News & analysis

Yesterday, the DXY dollar index ticked higher on an apparent bounce from last week’s losses. The move could be hardly attributed to safe-heaven pressures as per the relaxed, or even positive, performance of most financial conditions indicators.

The USD narrative for today’s price action, however, seems somewhat tainted by recent developments in oil markets leading to the recovery of some currencies; and broad negative sentiment for the release of the US jobless claims in the last week of March. With dollar liquidity conditions under control for now, after a plethora of measures from the Fed, markets are trading with no clear direction on the impacts of the coronavirus and its economic aftermath. Recent macro and survey data is probably still underestimating the potential depth of the crisis and inviting widely divergent potential views on the path of the recovery. Prolonged USD strength remains a possibility as long as massive uncertainty dominates markets, but policy action and potential market response are also variables to take into account when forming an outlook for the greenback.


Oil markets showed some signs of recovery on the news that President Donald Trump is attempting to intervene in the current price war between Saudi Arabia and Russia, and that a deal would be made in a “few days”. However, Russian officials denied such prospects this morning, reportedly saying talks “are not planned yet”. Whether Trump’s verbal interventions can help sustain the oil recovery is yet to be seen, but it is hard not to imagine a scenario where the US eventually faces a trade-off between halting production itself and coping with further layoffs. In a meeting with US oil executives yesterday, Trump discussed the idea of raising tariffs to Saudi Arabia imports, as a way to protect the domestic industry. Some studies estimate that 10% of the world oil could collapse with Brent crude around $25pb, bringing a long wave of employment losses along with it. Traders are also forecasting that crude demand could fall as much as 25% next month, despite reports that China is set to fill its strategic reserves on the back of low prices.
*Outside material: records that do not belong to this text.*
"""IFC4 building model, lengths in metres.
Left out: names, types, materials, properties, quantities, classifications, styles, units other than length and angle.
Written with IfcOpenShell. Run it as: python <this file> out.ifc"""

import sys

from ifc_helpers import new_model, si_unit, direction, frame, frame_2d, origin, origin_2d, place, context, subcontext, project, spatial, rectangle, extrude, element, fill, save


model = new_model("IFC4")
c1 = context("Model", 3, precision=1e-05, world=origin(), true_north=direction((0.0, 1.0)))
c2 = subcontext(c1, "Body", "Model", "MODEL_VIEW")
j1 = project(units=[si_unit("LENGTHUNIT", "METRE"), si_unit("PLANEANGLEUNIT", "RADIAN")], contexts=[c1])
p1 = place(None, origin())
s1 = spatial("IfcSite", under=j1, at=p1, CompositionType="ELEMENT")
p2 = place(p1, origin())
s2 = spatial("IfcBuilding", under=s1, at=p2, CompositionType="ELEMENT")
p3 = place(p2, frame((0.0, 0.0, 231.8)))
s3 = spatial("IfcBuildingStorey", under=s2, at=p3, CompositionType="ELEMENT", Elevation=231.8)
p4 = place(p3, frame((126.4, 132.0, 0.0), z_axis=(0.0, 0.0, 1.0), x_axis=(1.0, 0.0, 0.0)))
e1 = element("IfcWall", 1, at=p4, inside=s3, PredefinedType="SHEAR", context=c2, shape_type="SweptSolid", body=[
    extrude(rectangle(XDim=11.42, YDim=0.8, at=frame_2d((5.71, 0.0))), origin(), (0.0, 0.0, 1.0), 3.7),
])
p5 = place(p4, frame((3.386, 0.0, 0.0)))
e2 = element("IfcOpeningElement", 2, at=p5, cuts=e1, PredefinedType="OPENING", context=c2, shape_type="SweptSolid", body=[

US initial jobless claims: the worst ever data release?

  • Today’s US jobless claims figure has a strong claim to being quite literally the worst single economic data release of all time, in terms of its significance for both the US economy and global markets. More than 6.4 million people made jobless claims after 3.3m made claims last week. The significance of this is difficult to overstate:
  • Some 6% of the US workforce has been made jobless in the past two weeks. The size and speed of this shock are unprecedented. If we think of the economy as consisting of workers creating goods and services, at a ball-park guess this represents an approximately 6% drop in the gross domestic product in two weeks, compared to an approximately 4% drop over 2008 and 2009.
  • It’s now becoming clear that US unemployment is highly likely to rise further. For example, GS estimates a peak of 15% in the second quarter. After the last two weeks, it appears the US is roughly at 10% already. The scale of this shock is simply unprecedented – see chart.
  • The US lockdown measures are no more severe than those taken in other economies, so there is reason to believe other economies are facing shocks of a similar magnitude. Even in the best case scenario where the virus shock is brief and gargantuan monetary and fiscal stimulus is successful in the US and elsewhere, the sheer loss of productive capacity will take a long time to recover



The euro, meanwhile, keeps trading on diminished confidence in the policy response in the area. Despite Italy showing some signs of stabilization as per the decreasing number of new daily cases, investors are losing faith in the scope of any upcoming policy decision. While the proposal of joint debt “coronabonds” keeps landing on deaf ears, some other alternatives on the table seem somehow insufficient by comparison. Reports from a Eurogroup meeting yesterday suggest leaders are coming closer to agreeing on the issuance of credit lines via the ESM. Another initiative round on the idea of releasing a €100bn plan to bailout employment in the area, through a lending scheme backed by EU member countries. Additionally, plans for raising a fund of €20 billion financed by bilateral donations for emergency spending were put on the table. 



In the EM space, the Mexican peso keeps leading losses against the greenback after S&P downgraded both Pemex and the sovereign grades and Fitch announced it will conclude a revision this month. Pressure on the peso has barely lifted off today on the back of mildly recovered oil prices and dollar auctions carried out yesterday. $5bn in 84-days repo operations were allotted yesterday to 10 out of the 35 contestants, yet underscoring the $6,32bn bid by the market. Banxico will continue to conduct these operations with 1-day notice on the remaining $55bn credit swapped with the Fed. Yet, currency pressures are very likely to build on top of this liquidity supply, given the large economic impact the coronavirus crisis poses for Mexico and its slow policy response.